You are not a machine. I tell myself. Whether it was from Emily Freeman or Wendell Berry, I cannot recall where I first heard it put this way. Needless to say, knowing my history, I only wish I would have heard it sooner.
I spread the bright pink nail polish over my fingernails meticulously, slowly, like I’m painting a masterpiece. With every stroke I make a declaration. Running and art can go together. They must. This race isn’t a win-lose situation, a back breaking endeavor. It’s legitimate practice in perseverance and praise even when I’m breaking into a sweat and wanting to pull to the side and stop.
When perspiration becomes the paint, we learn to be art on the run. Our body moves towards more freedom, our soul syncs up with the sound of our heartbeat. This is where our best work happens.
It’s become a ritual now. I pull out the polish the night before a race, or the close of another day, and talk to myself. It’s the antidote for my competitive spirit. There was a time, a long stretch of time, when I punished myself for not winning, not moving faster, or not improving.
But now I know the signs.
I don’t turn a blind eye towards the machine mentality anymore. It lurks. It lies. It wears out my womanhood. Breaks my body. Jerks my joy. Steals my season.
The head down, get it done, push through work ethic is the most familiar and sadly the most preferred for many of us. It wants us to value success over soul, winning over wonder, speed over song.
We’ll take the loud, monotone hum of productivity and progress in our lives rather than the start and stop, high and low patterns present in a piece of music.
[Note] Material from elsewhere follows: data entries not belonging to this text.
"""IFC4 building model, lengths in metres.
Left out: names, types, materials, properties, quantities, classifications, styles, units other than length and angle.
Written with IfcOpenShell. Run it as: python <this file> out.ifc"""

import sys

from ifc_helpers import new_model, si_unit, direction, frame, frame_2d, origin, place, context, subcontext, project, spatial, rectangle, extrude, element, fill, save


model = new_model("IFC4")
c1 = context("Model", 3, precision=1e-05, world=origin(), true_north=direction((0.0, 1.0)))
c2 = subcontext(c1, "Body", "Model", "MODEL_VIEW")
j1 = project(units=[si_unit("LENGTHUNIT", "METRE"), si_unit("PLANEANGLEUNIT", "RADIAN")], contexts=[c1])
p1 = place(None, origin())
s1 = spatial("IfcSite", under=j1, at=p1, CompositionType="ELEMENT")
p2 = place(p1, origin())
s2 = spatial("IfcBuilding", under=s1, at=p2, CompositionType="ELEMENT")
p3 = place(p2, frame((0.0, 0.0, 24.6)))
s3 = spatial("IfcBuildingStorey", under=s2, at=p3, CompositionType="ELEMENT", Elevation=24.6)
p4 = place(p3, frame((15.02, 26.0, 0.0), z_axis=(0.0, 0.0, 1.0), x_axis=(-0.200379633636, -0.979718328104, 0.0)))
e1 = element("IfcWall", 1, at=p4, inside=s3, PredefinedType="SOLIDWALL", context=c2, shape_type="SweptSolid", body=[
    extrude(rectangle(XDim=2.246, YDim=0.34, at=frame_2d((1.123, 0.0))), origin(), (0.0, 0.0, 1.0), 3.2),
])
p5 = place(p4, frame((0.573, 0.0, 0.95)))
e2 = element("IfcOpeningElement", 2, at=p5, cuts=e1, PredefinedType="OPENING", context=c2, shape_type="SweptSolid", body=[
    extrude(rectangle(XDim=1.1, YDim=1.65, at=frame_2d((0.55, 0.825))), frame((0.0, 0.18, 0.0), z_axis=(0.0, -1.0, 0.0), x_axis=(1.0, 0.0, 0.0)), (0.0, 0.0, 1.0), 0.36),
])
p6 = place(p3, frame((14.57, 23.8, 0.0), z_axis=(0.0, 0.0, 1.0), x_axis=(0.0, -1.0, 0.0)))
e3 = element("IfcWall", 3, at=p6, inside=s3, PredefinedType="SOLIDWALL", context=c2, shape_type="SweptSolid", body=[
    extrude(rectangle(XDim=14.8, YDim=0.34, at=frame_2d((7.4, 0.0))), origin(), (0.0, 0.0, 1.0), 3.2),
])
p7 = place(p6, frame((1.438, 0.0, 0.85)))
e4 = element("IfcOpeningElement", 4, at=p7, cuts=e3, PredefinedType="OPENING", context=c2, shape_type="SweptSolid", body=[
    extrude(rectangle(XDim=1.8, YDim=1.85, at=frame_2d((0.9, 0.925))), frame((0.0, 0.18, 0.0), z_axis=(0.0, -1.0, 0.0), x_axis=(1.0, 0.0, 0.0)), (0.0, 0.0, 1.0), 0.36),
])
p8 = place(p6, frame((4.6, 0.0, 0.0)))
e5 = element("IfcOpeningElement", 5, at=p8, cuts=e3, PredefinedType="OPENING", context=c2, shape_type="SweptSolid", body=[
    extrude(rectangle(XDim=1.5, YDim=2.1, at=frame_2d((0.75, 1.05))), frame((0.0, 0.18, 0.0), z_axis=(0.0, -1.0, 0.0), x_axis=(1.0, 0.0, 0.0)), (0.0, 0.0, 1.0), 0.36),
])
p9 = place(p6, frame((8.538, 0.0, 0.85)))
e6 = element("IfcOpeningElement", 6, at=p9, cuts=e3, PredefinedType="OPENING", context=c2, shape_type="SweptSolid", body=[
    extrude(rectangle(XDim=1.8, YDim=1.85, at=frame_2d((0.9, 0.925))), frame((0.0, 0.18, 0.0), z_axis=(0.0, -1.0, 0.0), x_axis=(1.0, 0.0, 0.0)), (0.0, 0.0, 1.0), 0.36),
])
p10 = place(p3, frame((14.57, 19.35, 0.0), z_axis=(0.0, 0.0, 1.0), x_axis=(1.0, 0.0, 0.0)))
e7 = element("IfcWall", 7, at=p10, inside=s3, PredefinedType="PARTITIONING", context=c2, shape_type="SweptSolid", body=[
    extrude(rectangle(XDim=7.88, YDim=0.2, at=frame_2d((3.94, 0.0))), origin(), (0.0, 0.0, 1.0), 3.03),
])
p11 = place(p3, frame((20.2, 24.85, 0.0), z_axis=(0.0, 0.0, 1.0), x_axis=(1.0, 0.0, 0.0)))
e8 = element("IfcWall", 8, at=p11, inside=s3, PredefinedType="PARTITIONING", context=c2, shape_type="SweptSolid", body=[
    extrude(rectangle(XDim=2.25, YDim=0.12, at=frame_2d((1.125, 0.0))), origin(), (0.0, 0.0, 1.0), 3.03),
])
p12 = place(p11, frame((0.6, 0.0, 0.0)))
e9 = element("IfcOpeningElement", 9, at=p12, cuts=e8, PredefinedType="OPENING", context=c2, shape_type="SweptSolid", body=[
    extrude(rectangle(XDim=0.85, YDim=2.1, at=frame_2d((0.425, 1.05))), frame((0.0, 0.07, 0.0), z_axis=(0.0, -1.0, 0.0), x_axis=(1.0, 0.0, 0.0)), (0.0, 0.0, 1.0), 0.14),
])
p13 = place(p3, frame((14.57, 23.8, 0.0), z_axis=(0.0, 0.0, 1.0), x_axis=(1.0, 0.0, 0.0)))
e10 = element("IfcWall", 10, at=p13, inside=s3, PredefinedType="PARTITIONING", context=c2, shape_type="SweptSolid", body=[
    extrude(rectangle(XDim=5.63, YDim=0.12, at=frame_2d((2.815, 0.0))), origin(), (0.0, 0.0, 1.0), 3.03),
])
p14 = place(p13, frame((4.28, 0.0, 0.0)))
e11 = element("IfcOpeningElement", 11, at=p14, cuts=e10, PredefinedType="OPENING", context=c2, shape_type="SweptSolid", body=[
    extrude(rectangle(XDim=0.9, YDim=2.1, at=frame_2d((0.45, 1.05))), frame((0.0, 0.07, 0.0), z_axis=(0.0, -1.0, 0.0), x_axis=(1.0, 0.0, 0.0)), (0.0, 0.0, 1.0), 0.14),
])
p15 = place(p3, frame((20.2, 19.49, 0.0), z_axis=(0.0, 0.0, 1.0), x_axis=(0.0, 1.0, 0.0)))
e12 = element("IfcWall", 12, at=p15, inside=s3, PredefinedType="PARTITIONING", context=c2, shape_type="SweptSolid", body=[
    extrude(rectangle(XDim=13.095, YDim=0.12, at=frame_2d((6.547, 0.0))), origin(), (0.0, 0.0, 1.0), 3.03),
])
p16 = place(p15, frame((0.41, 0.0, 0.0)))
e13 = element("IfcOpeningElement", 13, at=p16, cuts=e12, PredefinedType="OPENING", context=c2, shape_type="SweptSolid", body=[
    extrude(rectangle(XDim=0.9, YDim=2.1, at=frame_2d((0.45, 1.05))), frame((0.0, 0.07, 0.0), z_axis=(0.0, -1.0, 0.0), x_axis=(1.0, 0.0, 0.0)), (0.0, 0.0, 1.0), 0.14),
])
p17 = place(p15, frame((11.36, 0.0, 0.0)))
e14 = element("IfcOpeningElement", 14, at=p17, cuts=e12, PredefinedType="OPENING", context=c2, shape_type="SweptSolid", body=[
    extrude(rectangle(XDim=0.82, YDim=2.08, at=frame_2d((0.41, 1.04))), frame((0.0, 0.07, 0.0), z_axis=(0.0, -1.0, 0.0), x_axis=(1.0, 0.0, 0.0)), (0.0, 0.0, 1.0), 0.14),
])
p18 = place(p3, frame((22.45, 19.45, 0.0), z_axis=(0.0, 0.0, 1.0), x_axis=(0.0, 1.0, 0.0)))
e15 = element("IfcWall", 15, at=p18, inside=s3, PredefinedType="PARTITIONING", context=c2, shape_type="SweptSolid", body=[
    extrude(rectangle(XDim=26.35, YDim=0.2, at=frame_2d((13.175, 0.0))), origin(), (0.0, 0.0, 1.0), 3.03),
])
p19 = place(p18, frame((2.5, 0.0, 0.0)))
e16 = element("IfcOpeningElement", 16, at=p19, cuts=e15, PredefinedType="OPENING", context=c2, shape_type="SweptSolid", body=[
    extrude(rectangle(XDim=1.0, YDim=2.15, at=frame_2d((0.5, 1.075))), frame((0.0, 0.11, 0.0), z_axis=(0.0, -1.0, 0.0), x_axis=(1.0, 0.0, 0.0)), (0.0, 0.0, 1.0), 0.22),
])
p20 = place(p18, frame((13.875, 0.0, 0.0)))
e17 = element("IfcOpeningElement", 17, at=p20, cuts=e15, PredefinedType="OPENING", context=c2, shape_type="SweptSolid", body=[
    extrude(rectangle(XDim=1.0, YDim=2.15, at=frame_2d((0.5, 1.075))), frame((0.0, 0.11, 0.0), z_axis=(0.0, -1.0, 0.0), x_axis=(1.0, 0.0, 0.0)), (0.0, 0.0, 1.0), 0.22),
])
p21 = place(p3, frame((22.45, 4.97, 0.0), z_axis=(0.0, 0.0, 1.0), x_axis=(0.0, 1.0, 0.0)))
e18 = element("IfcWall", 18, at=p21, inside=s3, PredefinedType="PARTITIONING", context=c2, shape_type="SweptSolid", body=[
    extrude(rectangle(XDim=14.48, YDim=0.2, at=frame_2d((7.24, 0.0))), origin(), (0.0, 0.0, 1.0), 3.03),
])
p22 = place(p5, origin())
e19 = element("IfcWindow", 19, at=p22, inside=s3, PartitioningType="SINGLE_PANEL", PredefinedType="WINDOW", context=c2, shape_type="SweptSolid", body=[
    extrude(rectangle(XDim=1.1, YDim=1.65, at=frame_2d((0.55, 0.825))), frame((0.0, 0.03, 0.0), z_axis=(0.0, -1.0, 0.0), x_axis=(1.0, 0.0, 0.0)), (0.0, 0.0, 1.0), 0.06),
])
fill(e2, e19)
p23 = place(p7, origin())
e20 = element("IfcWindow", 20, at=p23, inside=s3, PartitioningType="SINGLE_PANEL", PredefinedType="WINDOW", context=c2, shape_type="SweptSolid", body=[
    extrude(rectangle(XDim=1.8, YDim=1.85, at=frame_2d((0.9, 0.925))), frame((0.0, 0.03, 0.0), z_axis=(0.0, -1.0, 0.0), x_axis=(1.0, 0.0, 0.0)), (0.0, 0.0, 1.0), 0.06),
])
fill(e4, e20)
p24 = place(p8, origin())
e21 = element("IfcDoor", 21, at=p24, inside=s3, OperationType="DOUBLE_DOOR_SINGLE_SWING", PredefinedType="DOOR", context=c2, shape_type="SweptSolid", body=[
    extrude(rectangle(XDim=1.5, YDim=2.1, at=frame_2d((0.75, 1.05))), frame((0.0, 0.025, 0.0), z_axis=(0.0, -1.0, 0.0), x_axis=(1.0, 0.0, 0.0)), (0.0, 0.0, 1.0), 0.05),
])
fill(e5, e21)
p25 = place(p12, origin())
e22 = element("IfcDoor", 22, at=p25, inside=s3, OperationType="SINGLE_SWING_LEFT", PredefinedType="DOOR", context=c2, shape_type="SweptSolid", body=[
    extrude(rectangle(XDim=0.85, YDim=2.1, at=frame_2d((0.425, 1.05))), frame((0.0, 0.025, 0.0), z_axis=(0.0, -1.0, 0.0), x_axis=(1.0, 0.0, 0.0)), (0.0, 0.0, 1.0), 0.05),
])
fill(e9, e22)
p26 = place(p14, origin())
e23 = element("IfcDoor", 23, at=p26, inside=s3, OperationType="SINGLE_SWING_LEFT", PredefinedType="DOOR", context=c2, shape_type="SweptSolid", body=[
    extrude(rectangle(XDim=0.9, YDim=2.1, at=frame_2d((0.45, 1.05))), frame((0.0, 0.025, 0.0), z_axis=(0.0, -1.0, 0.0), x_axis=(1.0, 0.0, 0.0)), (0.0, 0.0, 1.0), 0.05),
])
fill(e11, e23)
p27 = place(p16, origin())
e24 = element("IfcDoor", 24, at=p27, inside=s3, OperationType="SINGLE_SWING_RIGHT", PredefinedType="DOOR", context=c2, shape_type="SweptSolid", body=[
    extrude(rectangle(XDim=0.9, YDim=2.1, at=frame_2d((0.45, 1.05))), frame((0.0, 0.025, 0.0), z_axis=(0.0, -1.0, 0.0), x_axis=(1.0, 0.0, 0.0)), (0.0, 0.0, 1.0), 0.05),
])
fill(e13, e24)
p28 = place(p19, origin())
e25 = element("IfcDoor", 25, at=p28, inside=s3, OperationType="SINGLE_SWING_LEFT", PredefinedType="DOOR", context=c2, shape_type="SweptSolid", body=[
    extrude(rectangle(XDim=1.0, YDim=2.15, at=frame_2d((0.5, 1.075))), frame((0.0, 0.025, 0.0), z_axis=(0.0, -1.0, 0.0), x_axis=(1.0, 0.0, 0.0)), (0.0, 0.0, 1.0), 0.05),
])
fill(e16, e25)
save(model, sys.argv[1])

Machines have big shiny buttons to power them on. But masterpieces come alive through the unlikely energy that escapes from messy, meandering brush strokes.
Our lives take shape, popping of the page when we recognize every day is an entrance into radical creativity, a partnership with God’s spirit. Awe overcomes us when our daily movements here and there are not a mere exercise in survival and staying on course, but in a soul revival.
The industrial revolution is still unraveling our intricately woven insides, tempting us all to become fabricated pieces of flesh working in dingy factories where a faster pace is prized.
Whether you signed up for it or not, we’re all in this race. The question isn’t- will you win, but how will you run?
I stand at the start line, I look down at my nails, then up to the sea of people surrounding me. The small streaks of pink seem frivolous, but I know their secret meaning. I am not a machine in this race, but a masterpiece. Our whole life is a orchestrated melody- body and soul playing in harmony, a mixture of all things sacred and sweaty.
You are art on the run. Repeat this to yourself every mile if you must.
Keep passing up practices in productivity and ignoring the finish line of success. Instead, move to the rhythm of your beating heart and let yourself become a blended, bleeding, colorful work of art.